If split_type of split is "OneHotFeature", it might not be listed in the features_info section, but it is still the part of global list of split_indexes.

For Example in sample_model.json

   oblivious_trees[1]['splits][0] = 
 {
    "split_index": 28, 
    "cat_feature_index": 5, 
    "value": -845129958, 
    "split_type": 'OneHotFeature'
 }

so some of the split indexes needs to be derived from here. These indexes start just after OneHot feature values and before ctrs.

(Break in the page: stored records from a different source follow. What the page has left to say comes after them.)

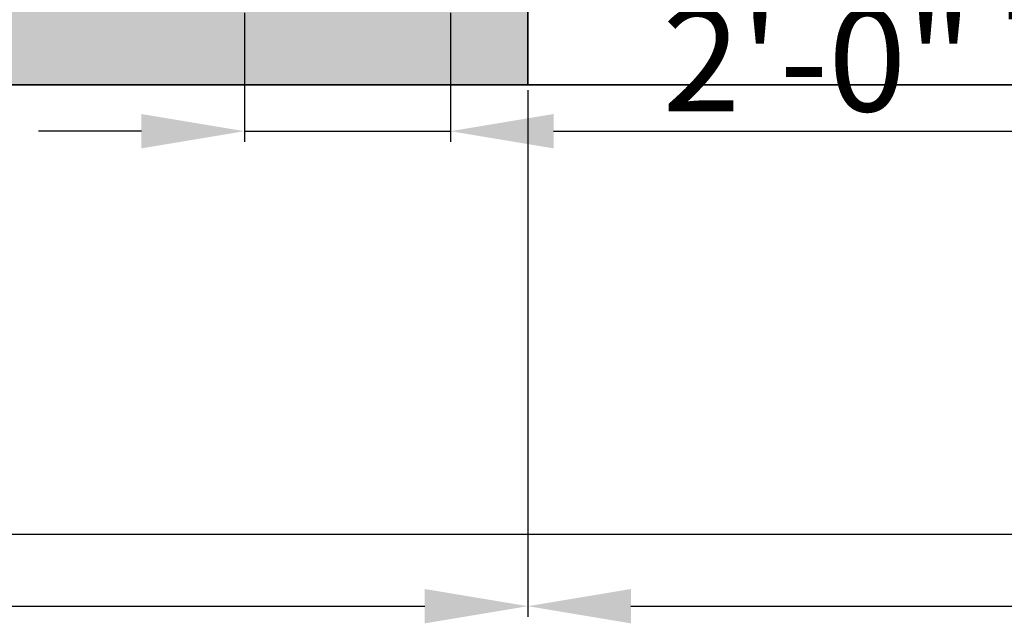
# Model space of a CAD drawing. Units: inches. Extents: x 2083 to 3317, y 1141 to 2115.
# Tile 85 of 256: x 2486 to 2600, y 1201 to 1271. Entities that reach past the tile are written whole.
import ezdxf

# ---------------------------------------------------------------- set-up
doc = ezdxf.new("R2010")
doc.units = ezdxf.units.IN
doc.layers.add('A-ANNO-DIMS', color=2, linetype='Continuous', lineweight=18)
doc.layers.add('A-WALL', color=7, linetype='Continuous', lineweight=35)
doc.layers.add('A-WALL-PATT', color=251, linetype='Continuous', lineweight=13, true_color=0x636466)
doc.styles.get("Standard").update_dxf_attribs({"font": 'arial.ttf'})
doc.dimstyles.new('ISO-25', dxfattribs={"dimtxt": 12, "dimasz": 12, "dimexe": 1.25, "dimexo": 0.625, "dimtad": 1, "dimlunit": 3, "dimtxsty": 'Standard', "dimcen": 2.5, "dimadec": 0, "dimazin": 0, "dimtfac": 1, "dimtmove": 0, "dimatfit": 3, "dimfxl": 1, "dimarcsym": 0})

# ---------------------------------------------------------------- blocks, each defined once
blk = doc.blocks.new('*D11')
at = {"layer": 'A-ANNO-DIMS', "color": 0, "lineweight": -2, "transparency": 16777216}
for p, q in [((2544.96, 1262.64), (2544.96, 1201.28)), ((2862.96, 1262.64), (2862.96, 1201.28)), ((2556.96, 1202.53), (2850.96, 1202.53))]:
    blk.add_line(p, q, dxfattribs=at)
at = {"layer": 'A-ANNO-DIMS', "color": 0, "transparency": 16777216}
for points in [[(2556.96, 1204.53), (2556.96, 1200.53), (2544.96, 1202.53)], [(2850.96, 1204.53), (2850.96, 1200.53), (2862.96, 1202.53)]]:
    blk.add_solid(points, dxfattribs=at)
at = {"layer": 'Defpoints', "color": 0, "transparency": 16777216}
for p in [(2544.96, 1263.26), (2862.96, 1263.26), (2862.96, 1202.53)]:
    blk.add_point(p, dxfattribs=at)
at = {"layer": 'A-ANNO-DIMS', "color": 0, "transparency": 16777216, "insert": (2703.96, 1209.29), "char_height": 12, "attachment_point": 5}
blk.add_mtext('26\'-6"', dxfattribs=at)
blk = doc.blocks.new('*D12')
at = {"layer": 'A-ANNO-DIMS', "color": 0, "lineweight": -2, "transparency": 16777216}
for p, q in [((2226.96, 1262.64), (2226.96, 1201.28)), ((2544.96, 1262.64), (2544.96, 1201.28)), ((2238.96, 1202.53), (2532.96, 1202.53))]:
    blk.add_line(p, q, dxfattribs=at)
at = {"layer": 'A-ANNO-DIMS', "color": 0, "transparency": 16777216}
for points in [[(2238.96, 1204.53), (2238.96, 1200.53), (2226.96, 1202.53)], [(2532.96, 1204.53), (2532.96, 1200.53), (2544.96, 1202.53)]]:
    blk.add_solid(points, dxfattribs=at)
at = {"layer": 'Defpoints', "color": 0, "transparency": 16777216}
for p in [(2226.96, 1263.26), (2544.96, 1263.26), (2544.96, 1202.53)]:
    blk.add_point(p, dxfattribs=at)
at = {"layer": 'A-ANNO-DIMS', "color": 0, "transparency": 16777216, "insert": (2385.96, 1209.29), "char_height": 12, "attachment_point": 5}
blk.add_mtext('26\'-6"', dxfattribs=at)
blk = doc.blocks.new('*D25')
at = {"layer": 'A-ANNO-DIMS', "color": 0, "lineweight": -2, "transparency": 16777216}
for p, q in [((2511.96, 1271.64), (2511.96, 1256.61)), ((2535.96, 1271.64), (2535.96, 1256.61)), ((2499.96, 1257.86), (2487.96, 1257.86)), ((2511.96, 1257.86), (2535.96, 1257.86)), ((2547.96, 1257.86), (2634.56, 1257.86))]:
    blk.add_line(p, q, dxfattribs=at)
at = {"layer": 'A-ANNO-DIMS', "color": 0, "transparency": 16777216}
for points in [[(2499.96, 1259.86), (2499.96, 1255.86), (2511.96, 1257.86)], [(2547.96, 1259.86), (2547.96, 1255.86), (2535.96, 1257.86)]]:
    blk.add_solid(points, dxfattribs=at)
at = {"layer": 'Defpoints', "color": 0, "transparency": 16777216}
for p in [(2511.96, 1272.26), (2535.96, 1272.26), (2535.96, 1257.86)]:
    blk.add_point(p, dxfattribs=at)
at = {"layer": 'A-ANNO-DIMS', "color": 0, "transparency": 16777216, "insert": (2597.26, 1264.61), "char_height": 12, "attachment_point": 5}
blk.add_mtext('2\'-0" TYP.', dxfattribs=at)
blk = doc.blocks.new('*D34')
at = {"layer": 'A-ANNO-DIMS', "color": 0, "lineweight": -2, "transparency": 16777216}
for p, q in [((2226.96, 1262.64), (2226.96, 1209.66)), ((3126.96, 1262.64), (3126.96, 1209.66)), ((2238.96, 1210.91), (3114.96, 1210.91))]:
    blk.add_line(p, q, dxfattribs=at)
at = {"layer": 'A-ANNO-DIMS', "color": 0, "transparency": 16777216}
for points in [[(2238.96, 1212.91), (2238.96, 1208.91), (2226.96, 1210.91)], [(3114.96, 1212.91), (3114.96, 1208.91), (3126.96, 1210.91)]]:
    blk.add_solid(points, dxfattribs=at)
at = {"layer": 'Defpoints', "color": 0, "transparency": 16777216}
for p in [(2226.96, 1263.26), (3126.96, 1263.26), (3126.96, 1210.91)]:
    blk.add_point(p, dxfattribs=at)
at = {"layer": 'A-ANNO-DIMS', "color": 0, "transparency": 16777216, "insert": (2676.96, 1217.66), "char_height": 12, "attachment_point": 5}
blk.add_mtext('75\'-0"', dxfattribs=at)

msp = doc.modelspace()

# ---------------------------------------------------------------- hatches: boundary and pattern name
at = {"layer": 'A-WALL-PATT'}
h = msp.add_hatch(color=256, dxfattribs=at)
h.dxf.hatch_style = 1
h.paths.add_polyline_path([(3126.96, 2020.761), (2748.96, 2020.761), (2604.96, 2020.761), (2226.96, 2020.761), (2226.96, 1702.761), (2466.96, 1702.761), (2466.96, 1582.761), (2418.96, 1582.761), (2418.96, 1477.761), (2226.96, 1477.761), (2226.96, 1263.261), (2544.96, 1263.261), (2544.96, 1411.761), (2604.96, 1411.761), (2685.96, 1411.761), (2685.96, 1420.761), (2604.96, 1420.761), (2604.96, 1573.761), (2604.96, 1702.761), (2604.96, 2011.761), (2748.96, 2011.761), (2748.96, 1702.761), (2862.96, 1702.761), (2862.96, 1621.761), (2871.96, 1621.761), (2871.96, 1702.761), (2883.96, 1702.761), (2883.96, 1706.939, -0.0264593), (2883.96, 1711.761), (2757.96, 1711.761), (2757.96, 1807.761), (2787.96, 1807.761), (2787.96, 1812.261), (2757.96, 1812.261), (2757.96, 2011.761), (2877.96, 2011.761), (2877.96, 1812.261), (2847.96, 1812.261), (2847.96, 1807.761), (2889.836, 1807.761), (2889.836, 1812.261), (2882.46, 1812.261), (2882.46, 2011.761), (3117.96, 2011.761), (3117.96, 1812.261), (2937.836, 1812.261), (2937.836, 1807.761), (2995.71, 1807.761), (2995.71, 1796.118), (3000.21, 1796.118), (3000.21, 1807.761), (3117.96, 1807.761), (3117.96, 1711.761), (3000.21, 1711.761), (3000.21, 1760.118), (2998.573, 1760.118, -0.020711), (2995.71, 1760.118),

I will compute the above tree example along with few more trees for the one row below

day hour month app_cat user_occ age gender statecode
fri 22 oct games student 47 male 103

For root node (split_index = 86), find the split index using section 4.1

   split_index(86) = 
 { 
    "prior_numerator": 0, 
    "shift": 0, 
    "ctr_type": 'Counter', 
    "scale": 15, 
    "elements": 
    [ 
    	{ 
            "cat_feature_index": 0, 
            "combination_element": 'cat_feature_value'
        }, 
        {
            "cat_feature_index": 2, 
            "combination_element": 'cat_feature_value'
        }
    ], 
    "identifier": '{"identifier":[{"cat_feature_index":0,"combination_element":"cat_feature_value"},{"cat_feature_index":2,"combination_element":"cat_feature_value"}],"type":"Counter"}', 
    "prior_denomerator": 1, 
    "border" = 4.999999046 
 }

Compute the hash to be used for ctr_data using section 3 and Section 4.1.4

   cat_feature_index(0) = "day"
 input["day"] = "fri"
 CityHash("fri") = 2386474191
 MAGIC_MULT * ( 0 + MAGIC_MULT * 2386474191 ) = 10849034401243659895
 cat_feature_index(2) = "month"
 input["month"] = "oct"
 CityHash("oct") = 964427042
 MAGIC_MULT * ( 10849034401243659895 + MAGIC_MULT * 964427042 ) = 7913951620039613893

So final hash to be used is "7913951620039613893"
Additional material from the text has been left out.